Crosscoders learn shared dictionaries of interpretable concepts represented as latent directions in both base and fine-tuned models, allowing tracking of how concepts shift or emerge during fine-tuning.

### challenges with model diffing

**Exclusive feature polysemanticity**: Features exclusive to one model (not shared) tend to be more polysemantic and dense in their activations, making them difficult to interpret. This emerges from competition for limited feature capacity - since shared features can explain neuron activation patterns in both models, exclusive features must encode more information to justify their allocation \[@minder2025overcoming\].

**L1 sparsity artifacts**: Standard crosscoders with L1 training loss can misattribute concepts as unique to the fine-tuned model when they actually exist in both models.
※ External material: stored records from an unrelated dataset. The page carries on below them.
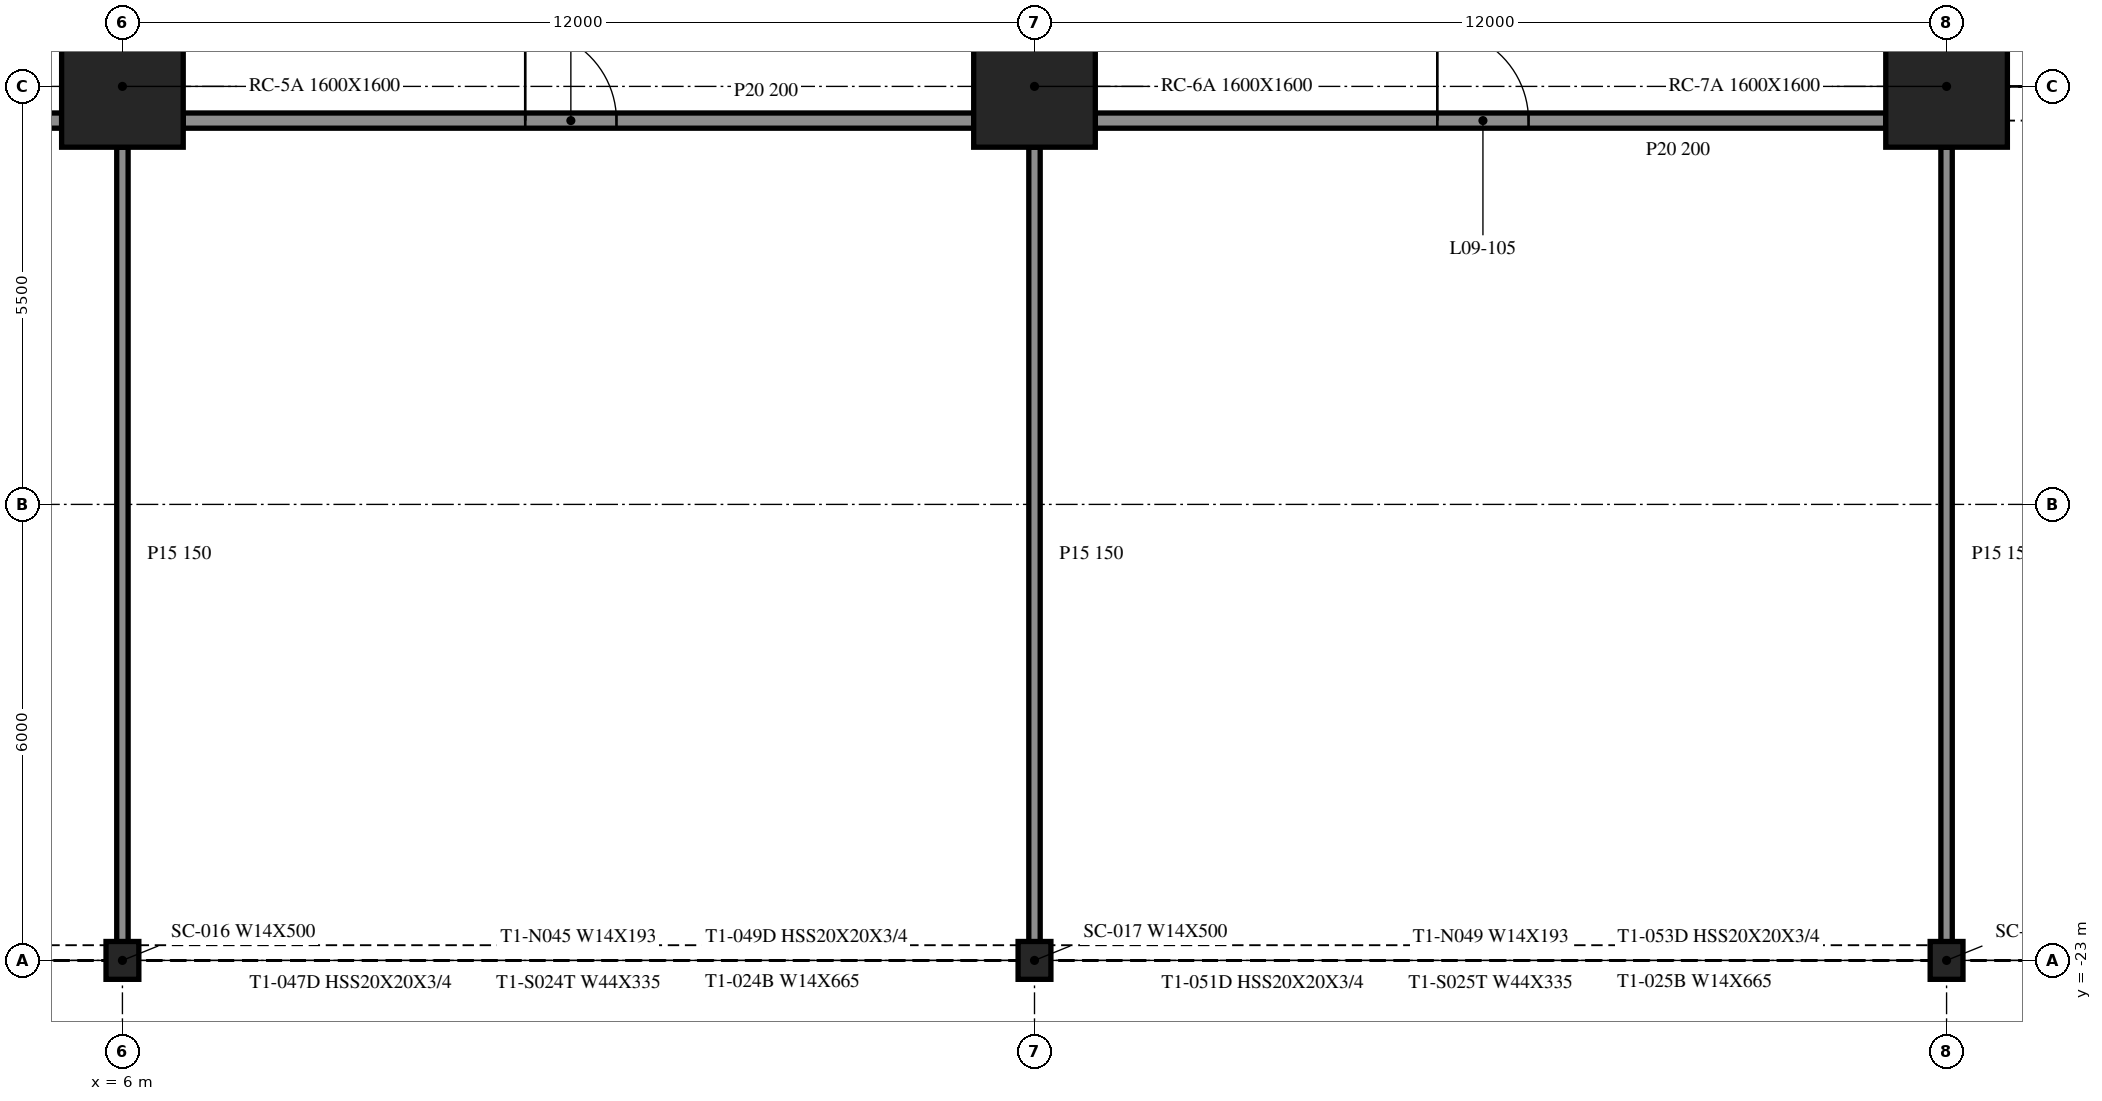
"""IFC4 building model, lengths in metres.
Left out: names, types, materials, properties, quantities, classifications, styles, units other than length and angle.
Written with IfcOpenShell. Run it as: python <this file> out.ifc"""

import sys

from ifc_helpers import new_model, si_unit, direction, frame, frame_2d, origin, origin_2d, place, context, subcontext, project, spatial, rectangle, i_section, extrude, element, fill, save


model = new_model("IFC4")
c1 = context("Model", 3, precision=1e-05, world=origin(), true_north=direction((0.0, 1.0)))
c2 = subcontext(c1, "Body", "Model", "MODEL_VIEW")
j1 = project(units=[si_unit("LENGTHUNIT", "METRE"), si_unit("PLANEANGLEUNIT", "RADIAN")], contexts=[c1])
p1 = place(None, origin())
s1 = spatial("IfcSite", under=j1, at=p1, CompositionType="ELEMENT")
p2 = place(p1, origin())
s2 = spatial("IfcBuilding", under=s1, at=p2, CompositionType="ELEMENT")
p3 = place(p2, frame((0.0, 0.0, 41.6)))
s3 = spatial("IfcBuildingStorey", under=s2, at=p3, CompositionType="ELEMENT", Elevation=41.6)
for number, where, z_axis, x_axis in (
    (1, (6.0, -11.5, -0.55), (0.0, 0.0, 1.0), (1.0, 0.0, 0.0)),
    (2, (18.0, -11.5, -0.55), (0.0, 0.0, 1.0), (1.0, 0.0, 0.0)),
    (3, (30.0, -11.5, -0.55), (0.0, 0.0, 1.0), (1.0, 0.0, 0.0)),
):
    element("IfcColumn", number, at=place(p3, frame(where, z_axis=z_axis, x_axis=x_axis)), inside=s3, PredefinedType="COLUMN", context=c2, shape_type="SweptSolid", body=[
        extrude(rectangle(XDim=1.6, YDim=1.6, at=origin_2d()), origin(), (0.0, 0.0, 1.0), 4.61),
    ])
for number, where, z_axis, x_axis in (
    (4, (6.0, -23.0, -0.55), (0.0, 0.0, 1.0), (1.0, 0.0, 0.0)),
    (5, (18.0, -23.0, -0.55), (0.0, 0.0, 1.0), (1.0, 0.0, 0.0)),
    (6, (30.0, -23.0, -0.55), (0.0, 0.0, 1.0), (1.0, 0.0, 0.0)),
):
    element("IfcColumn", number, at=place(p3, frame(where, z_axis=z_axis, x_axis=x_axis)), inside=s3, PredefinedType="COLUMN", context=c2, shape_type="SweptSolid", body=[
        extrude(i_section(OverallWidth=0.432, OverallDepth=0.498, WebThickness=0.056, FlangeThickness=0.089, at=origin_2d()), origin(), (0.0, 0.0, 1.0), 4.61),
    ])
p4 = place(p3, frame((-5.2, -11.95, 0.0), z_axis=(0.0, 0.0, 1.0), x_axis=(1.0, 0.0, 0.0)))
e7 = element("IfcWall", 7, at=p4, inside=s3, PredefinedType="PARTITIONING", context=c2, shape_type="SweptSolid", body=[
    extrude(rectangle(XDim=10.4, YDim=0.2, at=frame_2d((5.2, 0.0))), origin(), (0.0, 0.0, 1.0), 4.06),
])
p5 = place(p4, frame((4.7, 0.0, 0.0)))
e8 = element("IfcOpeningElement", 8, at=p5, cuts=e7, PredefinedType="OPENING", context=c2, shape_type="SweptSolid", body=[
    extrude(rectangle(XDim=0.9, YDim=2.1, at=frame_2d((0.45, 1.05))), frame((0.0, 0.11, 0.0), z_axis=(0.0, -1.0, 0.0), x_axis=(1.0, 0.0, 0.0)), (0.0, 0.0, 1.0), 0.22),
])
p6 = place(p3, frame((6.8, -11.95, 0.0), z_axis=(0.0, 0.0, 1.0), x_axis=(1.0, 0.0, 0.0)))
e9 = element("IfcWall", 9, at=p6, inside=s3, PredefinedType="PARTITIONING", context=c2, shape_type="SweptSolid", body=[
    extrude(rectangle(XDim=10.4, YDim=0.2, at=frame_2d((5.2, 0.0))), origin(), (0.0, 0.0, 1.0), 4.06),
])
p7 = place(p6, frame((4.5, 0.0, 0.0)))
e10 = element("IfcOpeningElement", 10, at=p7, cuts=e9, PredefinedType="OPENING", context=c2, shape_type="SweptSolid", body=[
    extrude(rectangle(XDim=1.2, YDim=2.1, at=frame_2d((0.6, 1.05))), frame((0.0, 0.11, 0.0), z_axis=(0.0, -1.0, 0.0), x_axis=(1.0, 0.0, 0.0)), (0.0, 0.0, 1.0), 0.22),
])
p8 = place(p3, frame((18.8, -11.95, 0.0), z_axis=(0.0, 0.0, 1.0), x_axis=(1.0, 0.0, 0.0)))
e11 = element("IfcWall", 11, at=p8, inside=s3, PredefinedType="PARTITIONING", context=c2, shape_type="SweptSolid", body=[
    extrude(rectangle(XDim=10.4, YDim=0.2, at=frame_2d((5.2, 0.0))), origin(), (0.0, 0.0, 1.0), 4.06),
])
p9 = place(p8, frame((4.5, 0.0, 0.0)))
e12 = element("IfcOpeningElement", 12, at=p9, cuts=e11, PredefinedType="OPENING", context=c2, shape_type="SweptSolid", body=[
    extrude(rectangle(XDim=1.2, YDim=2.1, at=frame_2d((0.6, 1.05))), frame((0.0, 0.11, 0.0), z_axis=(0.0, -1.0, 0.0), x_axis=(1.0, 0.0, 0.0)), (0.0, 0.0, 1.0), 0.22),
])
for number, where, z_axis, x_axis in (
    (13, (6.0, -23.0, 0.0), (0.0, 0.0, 1.0), (0.0, 1.0, 0.0)),
    (14, (18.0, -23.0, 0.0), (0.0, 0.0, 1.0), (0.0, 1.0, 0.0)),
    (15, (30.0, -23.0, 0.0), (0.0, 0.0, 1.0), (0.0, 1.0, 0.0)),
):
    element("IfcWall", number, at=place(p3, frame(where, z_axis=z_axis, x_axis=x_axis)), inside=s3, PredefinedType="PARTITIONING", context=c2, shape_type="SweptSolid", body=[
        extrude(rectangle(XDim=10.7, YDim=0.15, at=frame_2d((5.35, 0.0))), origin(), (0.0, 0.0, 1.0), 4.06),
    ])
p10 = place(p7, origin())
e16 = element("IfcDoor", 16, at=p10, inside=s3, OperationType="SINGLE_SWING_RIGHT", PredefinedType="DOOR", context=c2, shape_type="SweptSolid", body=[
    extrude(rectangle(XDim=1.2, YDim=2.1, at=frame_2d((0.6, 1.05))), frame((0.0, 0.025, 0.0), z_axis=(0.0, -1.0, 0.0), x_axis=(1.0, 0.0, 0.0)), (0.0, 0.0, 1.0), 0.05),
])
fill(e10, e16)
p11 = place(p9, origin())
e17 = element("IfcDoor", 17, at=p11, inside=s3, OperationType="SINGLE_SWING_RIGHT", PredefinedType="DOOR", context=c2, shape_type="SweptSolid", body=[
    extrude(rectangle(XDim=1.2, YDim=2.1, at=frame_2d((0.6, 1.05))), frame((0.0, 0.025, 0.0), z_axis=(0.0, -1.0, 0.0), x_axis=(1.0, 0.0, 0.0)), (0.0, 0.0, 1.0), 0.05),
])
fill(e12, e17)
save(model, sys.argv[1])

Two specific issues:

1. Features may appear exclusive when they’re actually shared but represented differently
2. Latent directions may be incorrectly identified as model-specific due to optimization dynamics

**Latent scaling** provides more accurate measurement of each latent’s presence across models to flag these issues.

### BatchTopK loss for improved model diffing

@minder2025overcoming shows that training crosscoders with BatchTopK loss (instead of L1) substantially mitigates polysemanticity and misattribution issues:

- Finds more genuinely model-specific and highly interpretable concepts
- Reduces false attribution of shared concepts as exclusive
- Identifies chat-specific latents that are both interpretable and causally effective
- Represents concepts like “false information” and “personal question” with nuanced preferences

BatchTopK also discovers multiple refusal-related latents showing different refusal trigger patterns, advancing best practices for crosscoder-based model diffing.

### model diff amplification

Goodfire’s approach for discovering rare, undesired behaviors: given logits before and after post-training, compute amplified logits as:

$$
\text{logits}_{\text{amplified}} = \text{logits}_{\text{after}} + \alpha(\text{logits}_{\text{after}} - \text{logits}_{\text{before}})
$$

where $\alpha > 0$. Sampling from amplified logits magnifies differences between models, surfacing rare failure modes that standard evaluations miss.

## open-source implementations

- [Anthropic’s circuit tracer](https://github.com/safety-research/circuit-tracer): Full pipeline for training crosscoders and generating attribution graphs
- [Neuronpedia interface](https://www.neuronpedia.org/gemma-2-2b/graph): Interactive exploration of crosscoder features
- [Model diffing library](https://github.com/model-diffing/model-diffing): Tools for crosscoder-based model comparison

see [[thoughts/circuit tracing]] for comprehensive tooling overview

## questions

> How do features change over model training? When do they form?

> As we make a model wider, do we get more features? or they are largely the same, packed less densely?

> How can we detect when crosscoders are learning spurious exclusive features versus genuine model-specific concepts?